Ali MacGraw

When Ali and I set out last summer to design and produce a collection of women’s wear for Ibu, we didn’t know that 23 countries and cultural traditions would be tapped to represent her iconic style.  We didn’t know that that we’d watch the Queen of Katwe and fall desperately for wax print cloth or that artisans in India could take her favorite white shirt and make it better, that we would dream up 100 new pieces, everyone with her hands and imagination all over it. We didn’t know if we would be any good at designing clothes or making shoes or collaborating with each other or where we would find the perfect black and white stripe.  We surely didn’t know that, one year later, the world would be divided and walls would be going up and people in the countries where we work would be feared. 


We didn’t know but we began in the spirit of adventure and fun and friendship and what happened in this year past changed us both.  Ali is in no way a diva but an ibu in every smacking bone of her body - and she jumped into this endeavor with both feet and a heart so large it outran whatever challenges tested us. She brought in her ebullient friend and shoe meister, Lynne Comeau, who traveled to Brazil to find women willing to assemble our vintage cloth shoes. She tapped her talented friend and couture pattern drafter, Sharon Moricoli, to make samples and size patterns while Ali sat on the floor to pin up skirts. Ali poured over sketches and specs and Pantone swatches with Ibu designer, Jamie Buskey,  dreamed up tunics on tablecloths while dining under the summer sky, schlepped piles of inspiration to the FedEx office to send us, sniffed out cuffs from Nepal and tassels from India, wrapped duct tape around her feet to mock up a sandal; she styled each look for our photoshoot and modeled them too - I mean, she did not miss a detail in this whole affair.  

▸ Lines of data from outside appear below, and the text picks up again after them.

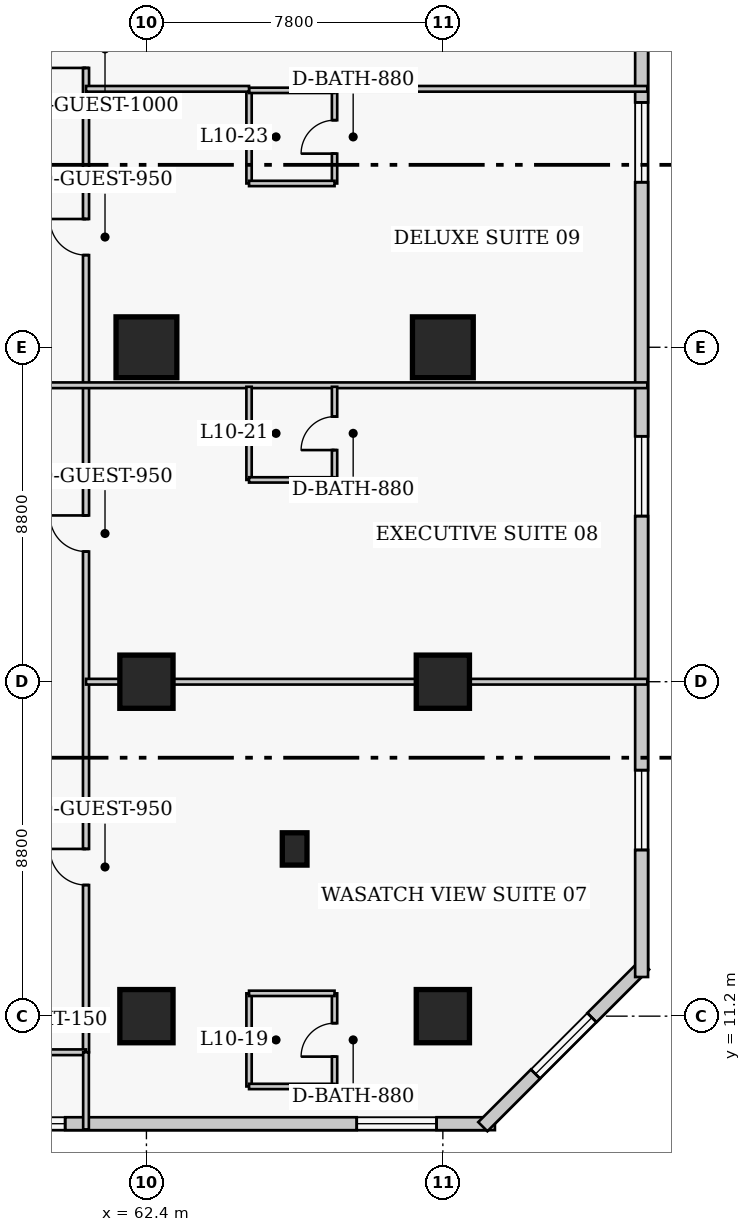
"""IFC4 building model, lengths in metres.
Left out: names, types, materials, properties, quantities, classifications, styles, units other than length and angle.
Written with IfcOpenShell. Run it as: python <this file> out.ifc"""

import sys

from ifc_helpers import new_model, si_unit, direction, frame, frame_2d, origin, origin_2d, place, context, subcontext, project, spatial, rectangle, extrude, element, fill, save


model = new_model("IFC4")
c1 = context("Model", 3, precision=1e-05, world=origin(), true_north=direction((0.0, 1.0)))
c2 = subcontext(c1, "Body", "Model", "MODEL_VIEW")
j1 = project(units=[si_unit("LENGTHUNIT", "METRE"), si_unit("PLANEANGLEUNIT", "RADIAN")], contexts=[c1])
p1 = place(None, origin())
s1 = spatial("IfcSite", under=j1, at=p1, CompositionType="ELEMENT")
p2 = place(p1, origin())
s2 = spatial("IfcBuilding", under=s1, at=p2, CompositionType="ELEMENT")
p3 = place(p2, frame((0.0, 0.0, 45.0)))
s3 = spatial("IfcBuildingStorey", under=s2, at=p3, CompositionType="ELEMENT", Elevation=45.0)
for number, where, z_axis, x_axis in (
    (1, (62.4, 11.2, 0.0), (0.0, 0.0, 1.0), (1.0, 0.0, 0.0)),
    (2, (62.4, 20.0, 0.0), (0.0, 0.0, 1.0), (1.0, 0.0, 0.0)),
):
    element("IfcColumn", number, at=place(p3, frame(where, z_axis=z_axis, x_axis=x_axis)), inside=s3, PredefinedType="COLUMN", context=c2, shape_type="SweptSolid", body=[
        extrude(rectangle(XDim=1.4, YDim=1.4, at=origin_2d()), origin(), (0.0, 0.0, 1.0), 3.8),
    ])
p4 = place(p3, frame((62.4, 28.8, 0.0), z_axis=(0.0, 0.0, 1.0), x_axis=(1.0, 0.0, 0.0)))
e3 = element("IfcColumn", 3, at=p4, inside=s3, PredefinedType="COLUMN", context=c2, shape_type="SweptSolid", body=[
    extrude(rectangle(XDim=1.6, YDim=1.6, at=origin_2d()), origin(), (0.0, 0.0, 1.0), 3.8),
])
for number, where, z_axis, x_axis in (
    (4, (70.2, 11.2, 0.0), (0.0, 0.0, 1.0), (1.0, 0.0, 0.0)),
    (5, (70.2, 20.0, 0.0), (0.0, 0.0, 1.0), (1.0, 0.0, 0.0)),
):
    element("IfcColumn", number, at=place(p3, frame(where, z_axis=z_axis, x_axis=x_axis)), inside=s3, PredefinedType="COLUMN", context=c2, shape_type="SweptSolid", body=[
        extrude(rectangle(XDim=1.4, YDim=1.4, at=origin_2d()), origin(), (0.0, 0.0, 1.0), 3.8),
    ])
p5 = place(p3, frame((70.2, 28.8, 0.0), z_axis=(0.0, 0.0, 1.0), x_axis=(1.0, 0.0, 0.0)))
e6 = element("IfcColumn", 6, at=p5, inside=s3, PredefinedType="COLUMN", context=c2, shape_type="SweptSolid", body=[
    extrude(rectangle(XDim=1.6, YDim=1.6, at=origin_2d()), origin(), (0.0, 0.0, 1.0), 3.8),
])
p6 = place(p3, frame((66.3, 15.6, 0.0), z_axis=(0.0, 0.0, 1.0), x_axis=(1.0, 0.0, 0.0)))
e7 = element("IfcColumn", 7, at=p6, inside=s3, PredefinedType="PILASTER", context=c2, shape_type="SweptSolid", body=[
    extrude(rectangle(XDim=0.65, YDim=0.85, at=origin_2d()), origin(), (0.0, 0.0, 1.0), 3.8),
])
p7 = place(p3, frame((41.68, 8.37, 0.0), z_axis=(0.0, 0.0, 1.0), x_axis=(1.0, 0.0, 0.0)))
e8 = element("IfcWall", 8, at=p7, inside=s3, PredefinedType="SOLIDWALL", context=c2, shape_type="SweptSolid", body=[
    extrude(rectangle(XDim=29.89, YDim=0.34, at=frame_2d((14.945, 0.0))), origin(), (0.0, 0.0, 1.0), 3.54),
])
p8 = place(p7, frame((2.036, 0.0, 0.85)))
e9 = element("IfcOpeningElement", 9, at=p8, cuts=e8, PredefinedType="OPENING", context=c2, shape_type="SweptSolid", body=[
    extrude(rectangle(XDim=2.1, YDim=1.85, at=frame_2d((1.05, 0.925))), frame((0.0, 0.18, 0.0), z_axis=(0.0, -1.0, 0.0), x_axis=(1.0, 0.0, 0.0)), (0.0, 0.0, 1.0), 0.36),
])
p9 = place(p7, frame((9.509, 0.0, 0.85)))
e10 = element("IfcOpeningElement", 10, at=p9, cuts=e8, PredefinedType="OPENING", context=c2, shape_type="SweptSolid", body=[
    extrude(rectangle(XDim=2.1, YDim=1.85, at=frame_2d((1.05, 0.925))), frame((0.0, 0.18, 0.0), z_axis=(0.0, -1.0, 0.0), x_axis=(1.0, 0.0, 0.0)), (0.0, 0.0, 1.0), 0.36),
])
p10 = place(p7, frame((16.481, 0.0, 0.85)))
e11 = element("IfcOpeningElement", 11, at=p10, cuts=e8, PredefinedType="OPENING", context=c2, shape_type="SweptSolid", body=[
    extrude(rectangle(XDim=2.1, YDim=1.85, at=frame_2d((1.05, 0.925))), frame((0.0, 0.18, 0.0), z_axis=(0.0, -1.0, 0.0), x_axis=(1.0, 0.0, 0.0)), (0.0, 0.0, 1.0), 0.36),
])
p11 = place(p7, frame((26.254, 0.0, 0.85)))
e12 = element("IfcOpeningElement", 12, at=p11, cuts=e8, PredefinedType="OPENING", context=c2, shape_type="SweptSolid", body=[
    extrude(rectangle(XDim=2.1, YDim=1.85, at=frame_2d((1.05, 0.925))), frame((0.0, 0.18, 0.0), z_axis=(0.0, -1.0, 0.0), x_axis=(1.0, 0.0, 0.0)), (0.0, 0.0, 1.0), 0.36),
])
p12 = place(p3, frame((71.251, 8.292, 0.0), z_axis=(0.0, 0.0, 1.0), x_axis=(0.707106781187, 0.707106781187, 0.0)))
e13 = element("IfcWall", 13, at=p12, inside=s3, PredefinedType="SOLIDWALL", context=c2, shape_type="SweptSolid", body=[
    extrude(rectangle(XDim=6.02, YDim=0.34, at=frame_2d((3.01, 0.0))), origin(), (0.0, 0.0, 1.0), 3.54),
])
p13 = place(p12, frame((1.96, 0.0, 0.85)))
e14 = element("IfcOpeningElement", 14, at=p13, cuts=e13, PredefinedType="OPENING", context=c2, shape_type="SweptSolid", body=[
    extrude(rectangle(XDim=2.1, YDim=1.85, at=frame_2d((1.05, 0.925))), frame((0.0, 0.18, 0.0), z_axis=(0.0, -1.0, 0.0), x_axis=(1.0, 0.0, 0.0)), (0.0, 0.0, 1.0), 0.36),
])
p14 = place(p3, frame((75.43, 12.23, 0.0), z_axis=(0.0, 0.0, 1.0), x_axis=(0.0, 1.0, 0.0)))
e15 = element("IfcWall", 15, at=p14, inside=s3, PredefinedType="SOLIDWALL", context=c2, shape_type="SweptSolid", body=[
    extrude(rectangle(XDim=35.14, YDim=0.34, at=frame_2d((17.57, 0.0))), origin(), (0.0, 0.0, 1.0), 3.54),
])
p15 = place(p14, frame((3.343, 0.0, 0.85)))
e16 = element("IfcOpeningElement", 16, at=p15, cuts=e15, PredefinedType="OPENING", context=c2, shape_type="SweptSolid", body=[
    extrude(rectangle(XDim=2.1, YDim=1.85, at=frame_2d((1.05, 0.925))), frame((0.0, 0.18, 0.0), z_axis=(0.0, -1.0, 0.0), x_axis=(1.0, 0.0, 0.0)), (0.0, 0.0, 1.0), 0.36),
])
p16 = place(p14, frame((12.127, 0.0, 0.85)))
e17 = element("IfcOpeningElement", 17, at=p16, cuts=e15, PredefinedType="OPENING", context=c2, shape_type="SweptSolid", body=[
    extrude(rectangle(XDim=2.1, YDim=1.85, at=frame_2d((1.05, 0.925))), frame((0.0, 0.18, 0.0), z_axis=(0.0, -1.0, 0.0), x_axis=(1.0, 0.0, 0.0)), (0.0, 0.0, 1.0), 0.36),
])
p17 = place(p14, frame((20.913, 0.0, 0.85)))
e18 = element("IfcOpeningElement", 18, at=p17, cuts=e15, PredefinedType="OPENING", context=c2, shape_type="SweptSolid", body=[
    extrude(rectangle(XDim=2.1, YDim=1.85, at=frame_2d((1.05, 0.925))), frame((0.0, 0.18, 0.0), z_axis=(0.0, -1.0, 0.0), x_axis=(1.0, 0.0, 0.0)), (0.0, 0.0, 1.0), 0.36),
])
p18 = place(p14, frame((29.698, 0.0, 0.85)))
e19 = element("IfcOpeningElement", 19, at=p18, cuts=e15, PredefinedType="OPENING", context=c2, shape_type="SweptSolid", body=[
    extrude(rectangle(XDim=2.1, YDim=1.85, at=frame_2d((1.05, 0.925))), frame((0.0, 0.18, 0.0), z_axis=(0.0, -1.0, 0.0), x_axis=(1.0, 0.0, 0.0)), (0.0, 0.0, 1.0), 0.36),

And she had the time of her life.  That’s what she says, though her life has had many remarkable moments, but I’m believing her, because her energy for Ibu is endless and her passion real as the river rocks we found to grace your neck.  It isn’t just the designing that draws her to Ibu - it is the women whose lives are changed;  it is the artisans being honored and through this work stepping out of poverty into into a new dignity.  That is what makes Ali burn.

Please join me in thanking Ali for her incredible support and advocacy, and elevating the rocking, brave, fearless Ibu of the world, rising up everywhere.